We have theorem which says that if eigenvalues are distinct then their eigenvectors must be linearly independent, but the rank of the matrix is $n-1$ if one of this eigenvalues is zero.

Edit after question edit

To answer more generally we need Jordan forms.

Let $A$ be $n$-dimensional square matrix with $n-k$ non-zero eigenvalues
(I don't make here a distinction between all different values and repeated- if all are distinct then there are $n-k$ values , if some are with multiplicities then summarize their number with multiplicities to make full sum $n-k$) and $k$ zero eigenvalues.
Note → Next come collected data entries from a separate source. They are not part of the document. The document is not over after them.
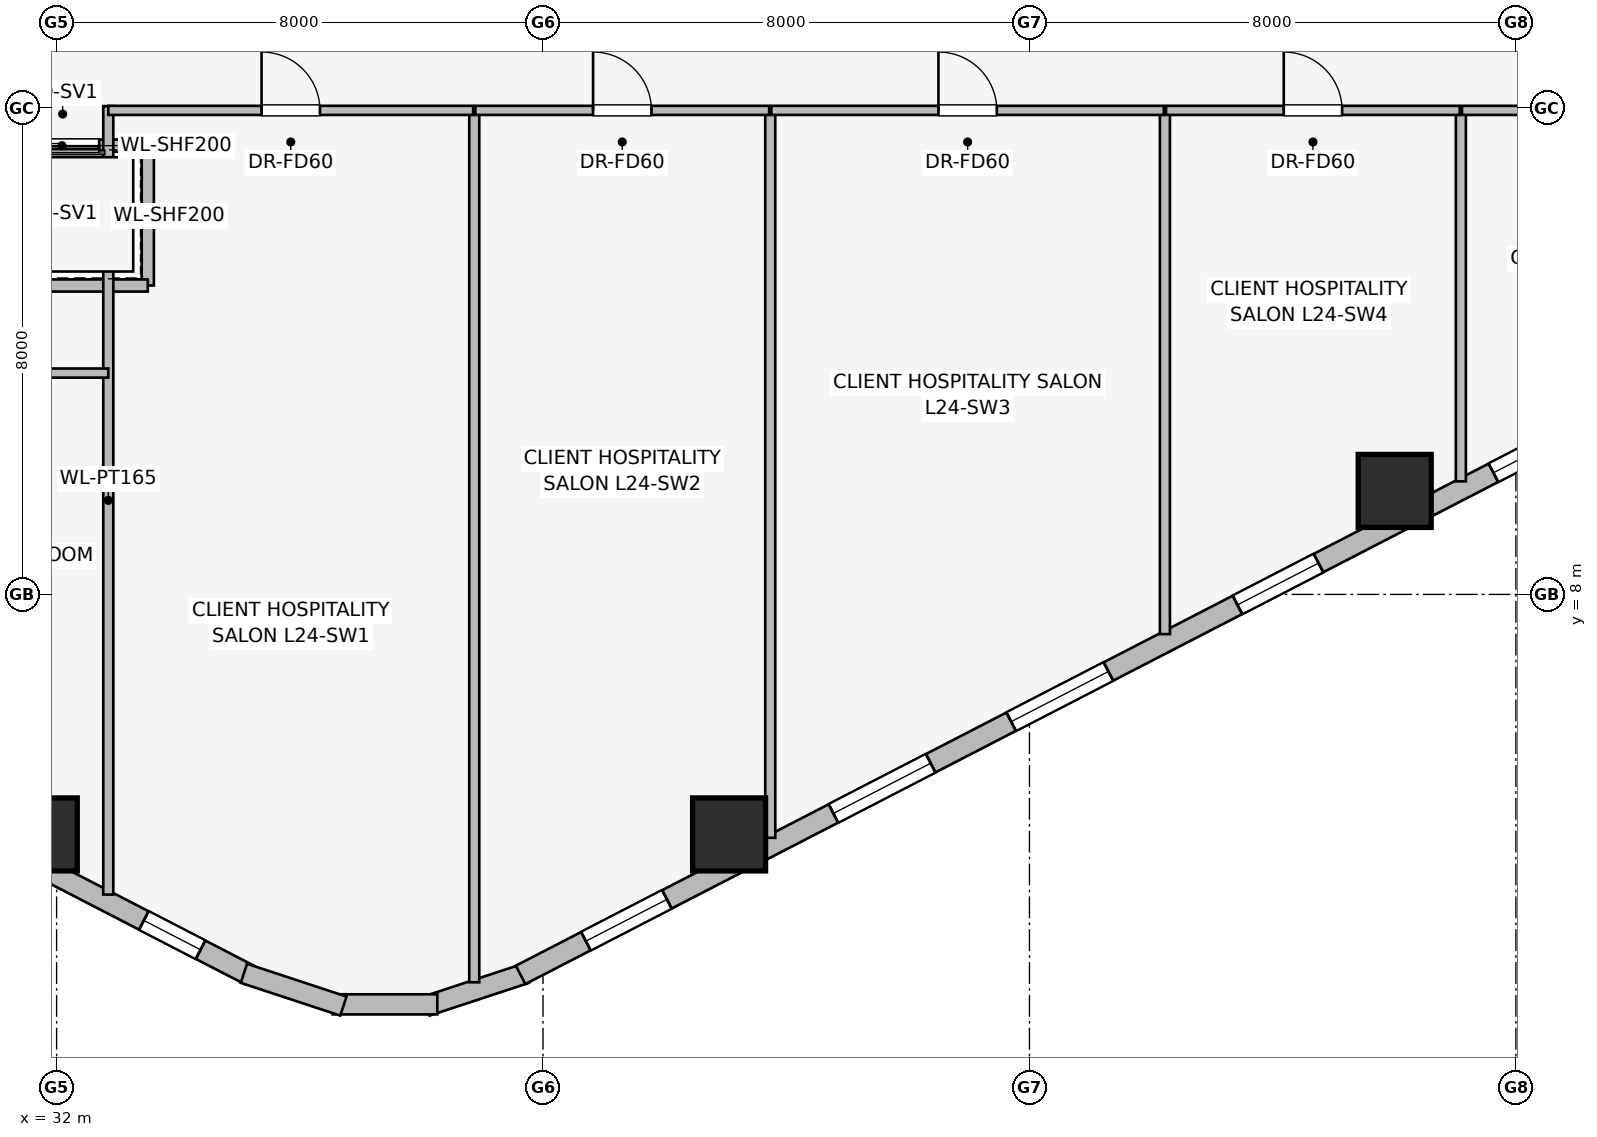
"""IFC4 building model, lengths in metres.
Left out: names, types, materials, properties, quantities, classifications, styles, units other than length and angle.
Written with IfcOpenShell. Run it as: python <this file> out.ifc"""

import sys

from ifc_helpers import new_model, si_unit, direction, frame, frame_2d, origin, origin_2d, place, context, subcontext, project, spatial, rectangle, extrude, element, fill, save


model = new_model("IFC4")
c1 = context("Model", 3, precision=1e-05, world=origin(), true_north=direction((0.0, 1.0)))
c2 = subcontext(c1, "Body", "Model", "MODEL_VIEW")
j1 = project(units=[si_unit("LENGTHUNIT", "METRE"), si_unit("PLANEANGLEUNIT", "RADIAN")], contexts=[c1])
p1 = place(None, origin())
s1 = spatial("IfcSite", under=j1, at=p1, CompositionType="ELEMENT")
p2 = place(p1, origin())
s2 = spatial("IfcBuilding", under=s1, at=p2, CompositionType="ELEMENT")
p3 = place(p2, frame((0.0, 0.0, 92.7)))
s3 = spatial("IfcBuildingStorey", under=s2, at=p3, CompositionType="ELEMENT", Elevation=92.7)
for number, where, z_axis, x_axis in (
    (1, (31.74, 4.053, 0.0), (0.0, 0.0, 1.0), (1.0, 0.0, 0.0)),
    (2, (43.06, 4.053, 0.0), (0.0, 0.0, 1.0), (1.0, 0.0, 0.0)),
    (3, (54.007, 9.702, 0.0), (0.0, 0.0, 1.0), (1.0, 0.0, 0.0)),
):
    element("IfcColumn", number, at=place(p3, frame(where, z_axis=z_axis, x_axis=x_axis)), inside=s3, PredefinedType="COLUMN", context=c2, shape_type="SweptSolid", body=[
        extrude(rectangle(XDim=1.2, YDim=1.2, at=origin_2d()), origin(), (0.0, 0.0, 1.0), 3.65),
    ])
p4 = place(p3, frame((35.169, 1.743, 0.0), z_axis=(0.0, 0.0, 1.0), x_axis=(-0.888634413993, 0.458616264721, 0.0)))
e4 = element("IfcWall", 4, at=p4, inside=s3, PredefinedType="STANDARD", context=c2, shape_type="SweptSolid", body=[
    extrude(rectangle(XDim=20.531, YDim=0.34, at=frame_2d((10.266, 0.0))), origin(), (0.0, 0.0, 1.0), 2.634),
])
p5 = place(p4, frame((0.902, 0.0, 0.75)))
e5 = element("IfcOpeningElement", 5, at=p5, cuts=e4, PredefinedType="OPENING", context=c2, shape_type="SweptSolid", body=[
    extrude(rectangle(XDim=1.05, YDim=1.4, at=frame_2d((0.525, 0.7))), frame((0.0, 0.18, 0.0), z_axis=(0.0, -1.0, 0.0), x_axis=(1.0, 0.0, 0.0)), (0.0, 0.0, 1.0), 0.36),
])
p6 = place(p4, frame((5.903, 0.0, 0.75)))
e6 = element("IfcOpeningElement", 6, at=p6, cuts=e4, PredefinedType="OPENING", context=c2, shape_type="SweptSolid", body=[
    extrude(rectangle(XDim=1.5, YDim=1.5, at=frame_2d((0.75, 0.75))), frame((0.0, 0.18, 0.0), z_axis=(0.0, -1.0, 0.0), x_axis=(1.0, 0.0, 0.0)), (0.0, 0.0, 1.0), 0.36),
])
p7 = place(p4, frame((9.516, 0.0, 0.75)))
e7 = element("IfcOpeningElement", 7, at=p7, cuts=e4, PredefinedType="OPENING", context=c2, shape_type="SweptSolid", body=[
    extrude(rectangle(XDim=1.5, YDim=1.5, at=frame_2d((0.75, 0.75))), frame((0.0, 0.18, 0.0), z_axis=(0.0, -1.0, 0.0), x_axis=(1.0, 0.0, 0.0)), (0.0, 0.0, 1.0), 0.36),
])
p8 = place(p4, frame((13.129, 0.0, 0.75)))
e8 = element("IfcOpeningElement", 8, at=p8, cuts=e4, PredefinedType="OPENING", context=c2, shape_type="SweptSolid", body=[
    extrude(rectangle(XDim=1.5, YDim=1.5, at=frame_2d((0.75, 0.75))), frame((0.0, 0.18, 0.0), z_axis=(0.0, -1.0, 0.0), x_axis=(1.0, 0.0, 0.0)), (0.0, 0.0, 1.0), 0.36),
])
p9 = place(p4, frame((17.673, 0.0, 0.75)))
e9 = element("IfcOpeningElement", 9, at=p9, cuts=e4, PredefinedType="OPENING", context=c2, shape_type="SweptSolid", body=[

Express $A$ through similarity with the Jordan normal form $A=PJP^{-1}$. The matrix $J$ can be presented as composition $J= \begin{bmatrix} J_n & 0 \\0 & J_z \end{bmatrix}$ where $J_n$ is a square part of Jordan matrix with $n-k$ non-zero values (which are eigenvalues) on diagonal and $J_z$ is a square part of Jordan matrix with $k$ zero values on its diagonal.

It is clear that because on the diagonal of upper-triangular matrix $J_n$ are non-zero values and the determinant as the product of these values is non-zero so $J_n$ has full rank i.e. $n-k$.

The rank of $J_z$ depends on the detailed form of this matrix and it can be from $0$ (when $J_z=0$) to $k-1$ ( see examples in comments). It can't be $k$ because $J_z$ is singular.

Therefore the final rank of $J$ can be from $n-k$ to $n-1$.
Similarity preserves rank so the rank of $A$ can be also from $n-k$ to $n-1$.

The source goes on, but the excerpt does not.